Ma quella solitudine non è qualcosa “di sbagliato” di per sé, qualcosa che potrà sparire del tutto. Può, e deve, essere ascoltata e capita nella sua manifestazione. 

In qualche modo ne sperimentiamo tutti una forma fisiologica quando facciamo il lutto degli oggetti primari, nella transizione all’età adulta. Quando smettiamo di essere figli, e quando smettiamo di vivere i nostri genitori come creature onniscienti che guidano la nostra vita e da cui la nostra vita dipende. È quella solitudine nostalgica che vorrebbe farci sperimentare di tanto in tanto quella sana dipendenza, ancora una volta.

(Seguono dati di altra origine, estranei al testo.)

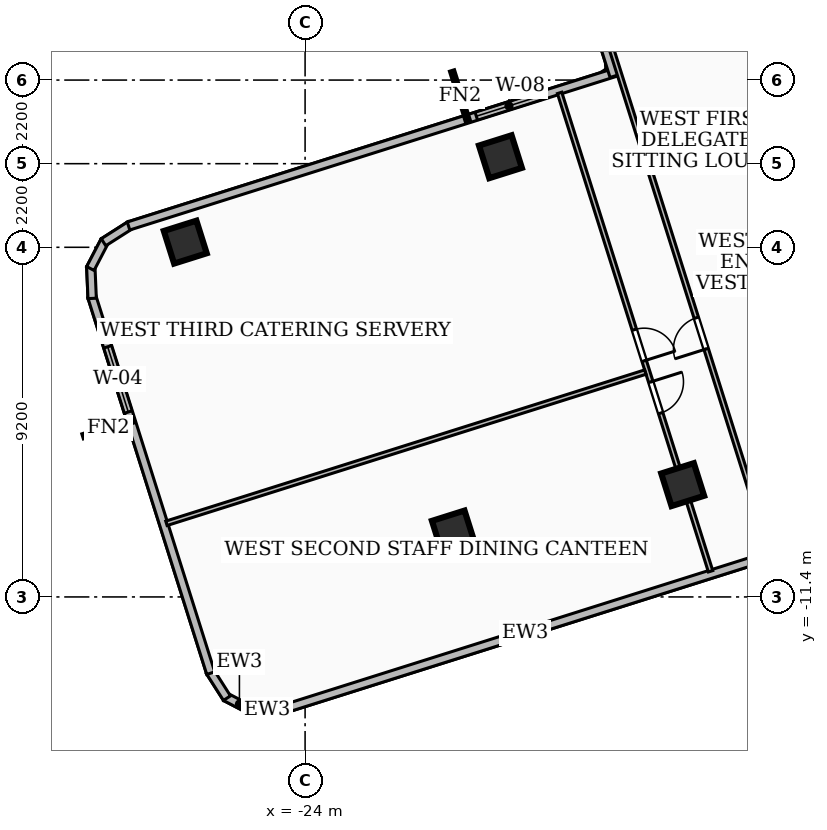
"""IFC4 building model, lengths in metres.
Left out: names, types, materials, properties, quantities, classifications, styles, units other than length and angle.
Written with IfcOpenShell. Run it as: python <this file> out.ifc"""

import sys

from ifc_helpers import new_model, si_unit, direction, frame, frame_2d, origin, origin_2d, place, context, subcontext, project, spatial, rectangle, extrude, element, fill, save


model = new_model("IFC4")
c1 = context("Model", 3, precision=1e-05, world=origin(), true_north=direction((0.0, 1.0)))
c2 = subcontext(c1, "Body", "Model", "MODEL_VIEW")
j1 = project(units=[si_unit("LENGTHUNIT", "METRE"), si_unit("PLANEANGLEUNIT", "RADIAN")], contexts=[c1])
p1 = place(None, origin())
s1 = spatial("IfcSite", under=j1, at=p1, CompositionType="ELEMENT")
p2 = place(p1, origin())
s2 = spatial("IfcBuilding", under=s1, at=p2, CompositionType="ELEMENT")
p3 = place(p2, frame((0.0, 0.0, 152.28)))
s3 = spatial("IfcBuildingStorey", under=s2, at=p3, CompositionType="ELEMENT", Elevation=152.28)
for number, where, z_axis, x_axis in (
    (1, (-18.86, 0.183, 0.0), (0.0, 0.0, 1.0), (0.954, 0.301, 0.0)),
    (2, (-14.064, -8.445, 0.0), (0.0, 0.0, 1.0), (0.954, 0.301, 0.0)),
    (3, (-27.153, -2.064, 0.0), (0.0, 0.0, 1.0), (0.954, 0.301, 0.0)),
    (4, (-20.098, -9.692, 0.0), (0.0, 0.0, 1.0), (0.954, 0.301, 0.0)),
):
    element("IfcColumn", number, at=place(p3, frame(where, z_axis=z_axis, x_axis=x_axis)), inside=s3, PredefinedType="COLUMN", context=c2, shape_type="SweptSolid", body=[
        extrude(rectangle(XDim=0.9, YDim=0.9, at=origin_2d()), origin(), (0.0, 0.0, 1.0), 3.6),
    ])
p4 = place(p3, frame((-11.792, -10.319, 0.0), z_axis=(0.0, 0.0, 1.0), x_axis=(-0.953607060649, -0.301054104573, 0.0)))
e5 = element("IfcWall", 5, at=p4, inside=s3, PredefinedType="SOLIDWALL", context=c2, shape_type="SweptSolid", body=[
    extrude(rectangle(XDim=13.459, YDim=0.22, at=frame_2d((6.73, 0.0))), origin(), (0.0, 0.0, 1.0), 2.152),
])
p5 = place(p3, frame((-24.578, -14.362, 0.0), z_axis=(0.0, 0.0, 1.0), x_axis=(-0.999075913973, -0.042980438793, 0.0)))
e6 = element("IfcWall", 6, at=p5, inside=s3, PredefinedType="SOLIDWALL", context=c2, shape_type="SweptSolid", body=[
    extrude(rectangle(XDim=0.835, YDim=0.22, at=frame_2d((0.417, 0.0))), origin(), (0.0, 0.0, 1.0), 3.34),
])
p6 = place(p3, frame((-25.365, -14.409, 0.0), z_axis=(0.0, 0.0, 1.0), x_axis=(-0.886542320322, 0.462647505427, 0.0)))
e7 = element("IfcWall", 7, at=p6, inside=s3, PredefinedType="SOLIDWALL", context=c2, shape_type="SweptSolid", body=[
    extrude(rectangle(XDim=0.819, YDim=0.22, at=frame_2d((0.41, 0.0))), origin(), (0.0, 0.0, 1.0), 3.34),
])
p7 = place(p3, frame((-26.056, -14.063, 0.0), z_axis=(0.0, 0.0, 1.0), x_axis=(-0.537481840432, 0.843275323489, 0.0)))
e8 = element("IfcWall", 8, at=p7, inside=s3, PredefinedType="SOLIDWALL", context=c2, shape_type="SweptSolid", body=[
    extrude(rectangle(XDim=0.833, YDim=0.22, at=frame_2d((0.417, 0.0))), origin(), (0.0, 0.0, 1.0), 3.34),
])
p8 = place(p3, frame((-26.483, -13.405, 0.0), z_axis=(0.0, 0.0, 1.0), x_axis=(-0.301132492372, 0.953582310049, 0.0)))
e9 = element("IfcWall", 9, at=p8, inside=s3, PredefinedType="SOLIDWALL", context=c2, shape_type="SweptSolid", body=[
    extrude(rectangle(XDim=10.391, YDim=0.22, at=frame_2d((5.196, 0.0))), origin(), (0.0, 0.0, 1.0), 3.34),
])
p9 = place(p8, frame((7.205, 0.0, 0.85)))
e10 = element("IfcOpeningElement", 10, at=p9, cuts=e9, PredefinedType="OPENING", context=c2, shape_type="SweptSolid", body=[
    extrude(rectangle(XDim=1.8, YDim=2.0, at=frame_2d((0.9, 1.0))), frame((0.0, 0.12, 0.0), z_axis=(0.0, -1.0, 0.0), x_axis=(1.0, 0.0, 0.0)), (0.0, 0.0, 1.0), 0.24),
])
p10 = place(p3, frame((-29.603, -3.545, 0.0), z_axis=(0.0, 0.0, 1.0), x_axis=(-0.042992997635, 0.99907537361, 0.0)))
e11 = element("IfcWall", 11, at=p10, inside=s3, PredefinedType="SOLIDWALL", context=c2, shape_type="SweptSolid", body=[
    extrude(rectangle(XDim=0.835, YDim=0.22, at=frame_2d((0.417, 0.0))), origin(), (0.0, 0.0, 1.0), 3.34),
])
p11 = place(p3, frame((-29.65, -2.758, 0.0), z_axis=(0.0, 0.0, 1.0), x_axis=(0.462647505427, 0.886542320322, 0.0)))
e12 = element("IfcWall", 12, at=p11, inside=s3, PredefinedType="SOLIDWALL", context=c2, shape_type="SweptSolid", body=[
    extrude(rectangle(XDim=0.819, YDim=0.22, at=frame_2d((0.41, 0.0))), origin(), (0.0, 0.0, 1.0), 3.34),
])
p12 = place(p3, frame((-29.304, -2.067, 0.0), z_axis=(0.0, 0.0, 1.0), x_axis=(0.843275323489, 0.537481840432, 0.0)))
e13 = element("IfcWall", 13, at=p12, inside=s3, PredefinedType="SOLIDWALL", context=c2, shape_type="SweptSolid", body=[
    extrude(rectangle(XDim=0.833, YDim=0.22, at=frame_2d((0.417, 0.0))), origin(), (0.0, 0.0, 1.0), 3.34),
])
p13 = place(p3, frame((-28.646, -1.64, 0.0), z_axis=(0.0, 0.0, 1.0), x_axis=(0.953626521982, 0.300992452685, 0.0)))
e14 = element("IfcWall", 14, at=p13, inside=s3, PredefinedType="SOLIDWALL", context=c2, shape_type="SweptSolid", body=[
    extrude(rectangle(XDim=13.458, YDim=0.22, at=frame_2d((6.729, 0.0))), origin(), (0.0, 0.0, 1.0), 3.34),
])
p14 = place(p13, frame((9.597, 0.0, 0.85)))
e15 = element("IfcOpeningElement", 15, at=p14, cuts=e14, PredefinedType="OPENING", context=c2, shape_type="SweptSolid", body=[
    extrude(rectangle(XDim=1.8, YDim=1.8, at=frame_2d((0.9, 0.9))), frame((0.0, 0.12, 0.0), z_axis=(0.0, -1.0, 0.0), x_axis=(1.0, 0.0, 0.0)), (0.0, 0.0, 1.0), 0.24),
])
p15 = place(p3, frame((-15.87, 2.301, 0.0), z_axis=(0.0, 0.0, 1.0), x_axis=(-0.300910882413, 0.953652264112, 0.0)))
e16 = element("IfcWall", 16, at=p15, inside=s3, PredefinedType="SOLIDWALL", context=c2, shape_type="SweptSolid", body=[
    extrude(rectangle(XDim=5.989, YDim=0.22, at=frame_2d((2.994, 0.0))), origin(), (0.0, 0.0, 1.0), 3.34),
])
p16 = place(p3, frame((-10.379, -14.591, 0.0), z_axis=(0.0, 0.0, 1.0), x_axis=(-0.301070726534, 0.95360181293, 0.0)))
e17 = element("IfcWall", 17, at=p16, inside=s3, PredefinedType="PARTITIONING", context=c2, shape_type="SweptSolid", body=[
    extrude(rectangle(XDim=20.81, YDim=0.12, at=frame_2d((10.405, 0.0))), origin(), (0.0, 0.0, 1.0), 2.152),
])
p17 = place(p16, frame((10.189, 0.0, 0.0)))
e18 = element("IfcOpeningElement", 18, at=p17, cuts=e17, PredefinedType="OPENING", context=c2, shape_type="SweptSolid", body=[
    extrude(rectangle(XDim=0.86, YDim=2.0, at=frame_2d((0.43, 1.0))), frame((0.0, 0.07, 0.0), z_axis=(0.0, -1.0, 0.0), x_axis=(1.0, 0.0, 0.0)), (0.0, 0.0, 1.0), 0.14),
])
p18 = place(p3, frame((-15.047, -5.484, 0.0), z_axis=(0.0, 0.0, 1.0), x_axis=(-0.95359383289, -0.301096001093, 0.0)))
e19 = element("IfcWall", 19, at=p18, inside=s3, PredefinedType="PARTITIONING", context=c2, shape_type="SweptSolid", body=[
    extrude(rectangle(XDim=13.215, YDim=0.12, at=frame_2d((6.607, 0.0))), origin(), (0.0, 0.0, 1.0), 2.152),
])
p19 = place(p3, frame((-17.303, 1.863, 0.0), z_axis=(0.0, 0.0, 1.0), x_axis=(0.300972919735, -0.953632686933, 0.0)))
e20 = element("IfcWall", 20, at=p19, inside=s3, PredefinedType="PARTITIONING", context=c2, shape_type="SweptSolid", body=[
    extrude(rectangle(XDim=13.2, YDim=0.12, at=frame_2d((6.6, 0.0))), origin(), (0.0, 0.0, 1.0), 2.152),
])
p20 = place(p19, frame((6.534, 0.0, 0.0)))
e21 = element("IfcOpeningElement", 21, at=p20, cuts=e20, PredefinedType="OPENING", context=c2, shape_type="SweptSolid", body=[
    extrude(rectangle(XDim=0.86, YDim=2.04, at=frame_2d((0.43, 1.02))), frame((0.0, 0.07, 0.0), z_axis=(0.0, -1.0, 0.0), x_axis=(1.0, 0.0, 0.0)), (0.0, 0.0, 1.0), 0.14),
])
p21 = place(p19, frame((7.975, 0.0, 0.0)))
e22 = element("IfcOpeningElement", 22, at=p21, cuts=e20, PredefinedType="OPENING", context=c2, shape_type="SweptSolid", body=[
    extrude(rectangle(XDim=0.86, YDim=2.04, at=frame_2d((0.43, 1.02))), frame((0.0, 0.07, 0.0), z_axis=(0.0, -1.0, 0.0), x_axis=(1.0, 0.0, 0.0)), (0.0, 0.0, 1.0), 0.14),
])
p22 = place(p9, origin())
e23 = element("IfcWindow", 23, at=p22, inside=s3, PartitioningType="SINGLE_PANEL", PredefinedType="WINDOW", context=c2, shape_type="SweptSolid", body=[
    extrude(rectangle(XDim=1.8, YDim=2.0, at=frame_2d((0.9, 1.0))), frame((0.0, 0.03, 0.0), z_axis=(0.0, -1.0, 0.0), x_axis=(1.0, 0.0, 0.0)), (0.0, 0.0, 1.0), 0.06),
])
fill(e10, e23)
p23 = place(p14, origin())
e24 = element("IfcWindow", 24, at=p23, inside=s3, PartitioningType="SINGLE_PANEL", PredefinedType="WINDOW", context=c2, shape_type="SweptSolid", body=[
    extrude(rectangle(XDim=1.8, YDim=1.8, at=frame_2d((0.9, 0.9))), frame((0.0, 0.03, 0.0), z_axis=(0.0, -1.0, 0.0), x_axis=(1.0, 0.0, 0.0)), (0.0, 0.0, 1.0), 0.06),
])
fill(e15, e24)
p24 = place(p17, origin())
e25 = element("IfcDoor", 25, at=p24, inside=s3, OperationType="SINGLE_SWING_LEFT", PredefinedType="DOOR", context=c2, shape_type="SweptSolid", body=[
    extrude(rectangle(XDim=0.86, YDim=2.0, at=frame_2d((0.43, 1.0))), frame((0.0, 0.025, 0.0), z_axis=(0.0, -1.0, 0.0), x_axis=(1.0, 0.0, 0.0)), (0.0, 0.0, 1.0), 0.05),
])
fill(e18, e25)
p25 = place(p20, origin())
e26 = element("IfcDoor", 26, at=p25, inside=s3, OperationType="SINGLE_SWING_RIGHT", PredefinedType="DOOR", context=c2, shape_type="SweptSolid", body=[
    extrude(rectangle(XDim=0.86, YDim=2.04, at=frame_2d((0.43, 1.02))), frame((0.0, 0.025, 0.0), z_axis=(0.0, -1.0, 0.0), x_axis=(1.0, 0.0, 0.0)), (0.0, 0.0, 1.0), 0.05),
])
fill(e21, e26)
p26 = place(p21, origin())
e27 = element("IfcDoor", 27, at=p26, inside=s3, OperationType="SINGLE_SWING_LEFT", PredefinedType="DOOR", context=c2, shape_type="SweptSolid", body=[
    extrude(rectangle(XDim=0.86, YDim=2.04, at=frame_2d((0.43, 1.02))), frame((0.0, 0.025, 0.0), z_axis=(0.0, -1.0, 0.0), x_axis=(1.0, 0.0, 0.0)), (0.0, 0.0, 1.0), 0.05),
])
fill(e22, e27)
save(model, sys.argv[1])
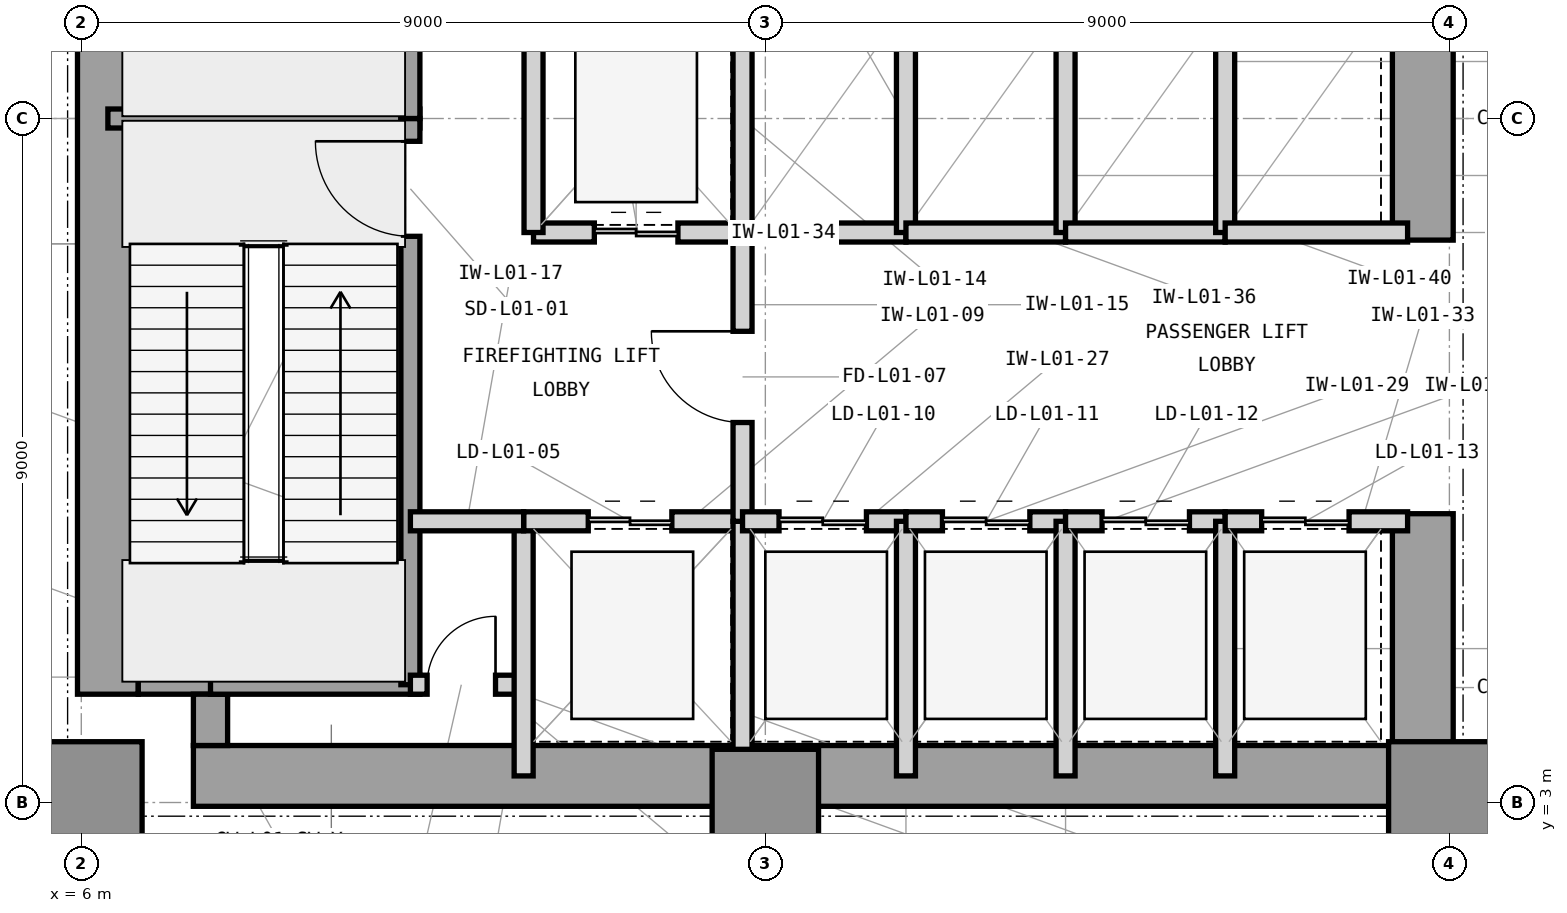
"""IFC4 building model, lengths in metres.
Left out: names, types, materials, properties, quantities, classifications, styles, units other than length and angle.
Written with IfcOpenShell. Run it as: python <this file> out.ifc"""

import sys

from ifc_helpers import new_model, si_unit, direction, frame, frame_2d, origin, origin_2d, place, context, subcontext, project, spatial, rectangle, extrude, element, fill, save


model = new_model("IFC4")
c1 = context("Model", 3, precision=1e-05, world=origin(), true_north=direction((0.0, 1.0)))
c2 = subcontext(c1, "Body", "Model", "MODEL_VIEW")
j1 = project(units=[si_unit("LENGTHUNIT", "METRE"), si_unit("PLANEANGLEUNIT", "RADIAN")], contexts=[c1])
p1 = place(None, origin())
s1 = spatial("IfcSite", under=j1, at=p1, CompositionType="ELEMENT")
p2 = place(p1, origin())
s2 = spatial("IfcBuilding", under=s1, at=p2, CompositionType="ELEMENT")
p3 = place(p2, frame((0.0, 0.0, 5.4)))
s3 = spatial("IfcBuildingStorey", under=s2, at=p3, CompositionType="ELEMENT", Elevation=5.4)
p4 = place(p3, frame((7.475, 3.35, 0.0), z_axis=(0.0, 0.0, 1.0), x_axis=(1.0, 0.0, 0.0)))
e1 = element("IfcWall", 1, at=p4, inside=s3, PredefinedType="SHEAR", context=c2, shape_type="SweptSolid", body=[
    extrude(rectangle(XDim=16.575, YDim=0.8, at=frame_2d((8.288, 0.0))), origin(), (0.0, 0.0, 1.0), 5.4),
])
p5 = place(p3, frame((6.35, 4.425, 0.0), z_axis=(0.0, 0.0, 1.0), x_axis=(0.0, 1.0, 0.0)))
e2 = element("IfcWall", 2, at=p5, inside=s3, PredefinedType="SHEAR", context=c2, shape_type="SweptSolid", body=[
    extrude(rectangle(XDim=15.15, YDim=0.8, at=frame_2d((7.575, 0.0))), origin(), (0.0, 0.0, 1.0), 5.4),
])
p6 = place(p3, frame((23.65, 3.75, 0.0), z_axis=(0.0, 0.0, 1.0), x_axis=(0.0, 1.0, 0.0)))
e3 = element("IfcWall", 3, at=p6, inside=s3, PredefinedType="SHEAR", context=c2, shape_type="SweptSolid", body=[
    extrude(rectangle(XDim=3.05, YDim=0.8, at=frame_2d((1.525, 0.0))), origin(), (0.0, 0.0, 1.0), 5.4),
])
p7 = place(p3, frame((23.65, 10.4, 0.0), z_axis=(0.0, 0.0, 1.0), x_axis=(0.0, 1.0, 0.0)))
e4 = element("IfcWall", 4, at=p7, inside=s3, PredefinedType="SHEAR", context=c2, shape_type="SweptSolid", body=[
    extrude(rectangle(XDim=3.2, YDim=0.8, at=frame_2d((1.6, 0.0))), origin(), (0.0, 0.0, 1.0), 5.4),
])
p8 = place(p3, frame((6.75, 4.65, 0.0), z_axis=(0.0, 0.0, 1.0), x_axis=(1.0, 0.0, 0.0)))
e5 = element("IfcWall", 5, at=p8, inside=s3, PredefinedType="SHEAR", context=c2, shape_type="SweptSolid", body=[
    extrude(rectangle(XDim=1.175, YDim=0.45, at=frame_2d((0.587, 0.0))), origin(), (0.0, 0.0, 1.0), 5.4),
])
p9 = place(p3, frame((7.7, 3.75, 0.0), z_axis=(0.0, 0.0, 1.0), x_axis=(0.0, 1.0, 0.0)))
e6 = element("IfcWall", 6, at=p9, inside=s3, PredefinedType="SHEAR", context=c2, shape_type="SweptSolid", body=[
    extrude(rectangle(XDim=0.675, YDim=0.45, at=frame_2d((0.337, 0.0))), origin(), (0.0, 0.0, 1.0), 5.4),
])
p10 = place(p3, frame((6.0, 3.0, 0.0), z_axis=(0.0, 0.0, 1.0), x_axis=(1.0, 0.0, 0.0)))
e7 = element("IfcColumn", 7, at=p10, inside=s3, PredefinedType="COLUMN", context=c2, shape_type="SweptSolid", body=[
    extrude(rectangle(XDim=1.6, YDim=1.6, at=origin_2d()), origin(), (0.0, 0.0, 1.0), 5.4),
])
p11 = place(p3, frame((15.0, 3.0, 0.0), z_axis=(0.0, 0.0, 1.0), x_axis=(1.0, 0.0, 0.0)))
e8 = element("IfcColumn", 8, at=p11, inside=s3, PredefinedType="COLUMN", context=c2, shape_type="SweptSolid", body=[
    extrude(rectangle(XDim=1.4, YDim=1.4, at=origin_2d()), origin(), (0.0, 0.0, 1.0), 5.4),
])
p12 = place(p3, frame((24.0, 3.0, 0.0), z_axis=(0.0, 0.0, 1.0), x_axis=(1.0, 0.0, 0.0)))
e9 = element("IfcColumn", 9, at=p12, inside=s3, PredefinedType="COLUMN", context=c2, shape_type="SweptSolid", body=[
    extrude(rectangle(XDim=1.6, YDim=1.6, at=origin_2d()), origin(), (0.0, 0.0, 1.0), 5.4),
])
p13 = place(p3, frame((6.35, 12.0, 0.0), z_axis=(0.0, 0.0, 1.0), x_axis=(1.0, 0.0, 0.0)))
e10 = element("IfcWall", 10, at=p13, inside=s3, PredefinedType="SHEAR", context=c2, shape_type="SweptSolid", body=[
    extrude(rectangle(XDim=4.105, YDim=0.25, at=frame_2d((2.052, 0.0))), origin(), (0.0, 0.0, 1.0), 5.4),
])
p14 = place(p3, frame((7.7, 4.55, 0.0), z_axis=(0.0, 0.0, 1.0), x_axis=(1.0, 0.0, 0.0)))
e11 = element("IfcWall", 11, at=p14, inside=s3, PredefinedType="SHEAR", context=c2, shape_type="SweptSolid", body=[
    extrude(rectangle(XDim=2.755, YDim=0.25, at=frame_2d((1.377, 0.0))), origin(), (0.0, 0.0, 1.0), 5.4),
])
p15 = place(p3, frame((10.33, 4.55, 0.0), z_axis=(0.0, 0.0, 1.0), x_axis=(0.0, 1.0, 0.0)))
e12 = element("IfcWall", 12, at=p15, inside=s3, PredefinedType="SHEAR", context=c2, shape_type="SweptSolid", body=[
    extrude(rectangle(XDim=7.45, YDim=0.25, at=frame_2d((3.725, 0.0))), origin(), (0.0, 0.0, 1.0), 5.4),
])
p16 = place(p15, frame((5.9, 0.0, 0.0)))
e13 = element("IfcOpeningElement", 13, at=p16, cuts=e12, PredefinedType="OPENING", context=c2, shape_type="SweptSolid", body=[
    extrude(rectangle(XDim=1.25, YDim=2.2, at=frame_2d((0.625, 1.1))), frame((0.0, 0.135, 0.0), z_axis=(0.0, -1.0, 0.0), x_axis=(1.0, 0.0, 0.0)), (0.0, 0.0, 1.0), 0.27),
])
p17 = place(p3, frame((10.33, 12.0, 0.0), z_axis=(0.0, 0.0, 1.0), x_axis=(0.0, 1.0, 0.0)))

È una solitudine relazionale, quella del sopravvissuto, legata alla consapevolezza che non si può restituire felicità alle persone care in cambio della propria. Che il principio dei vasi comunicanti non funziona in questi casi, purtroppo o per fortuna. 

Ma è anche una solitudine individuale quella del sopravvissuto, legata a quella che da un punto in poi diventa la scelta di portare avanti se stessi nella miglior forma ed espressione possibile. Si tratta di poter fare il lutto che la persona che siamo stati e che sentiva di appartenere a una famiglia in cui quello che abbiamo realizzato era impensabile, imparando a tollerare che un po’ di quella solitudine la porteremo con noi, e che con quella solitudine il paziente potrà imparare a convivere senza che questa, sordidamente, possa diventare sabotante. 

In realtà, credo si tratti di una solitudine che, così intesa, possa essere sperimentata in generale da tutti i pazienti, qualsiasi siano i sensi di colpa che li abbiano portati in terapia. È quella solitudine legata al cambiamento, che spesso rende difficile al paziente riconoscersi nelle prime fasi di cambiamento.

E, forse, le reazioni che oscillano tra il definire Parthenope il “peggior Sorrentino” e “un capolavoro di libertà e dolore” rappresentano l’antica difficoltà dell’essere umano di tollerare l’ambivalenza: sentirsi felici ma al tempo stesso un po’ soli.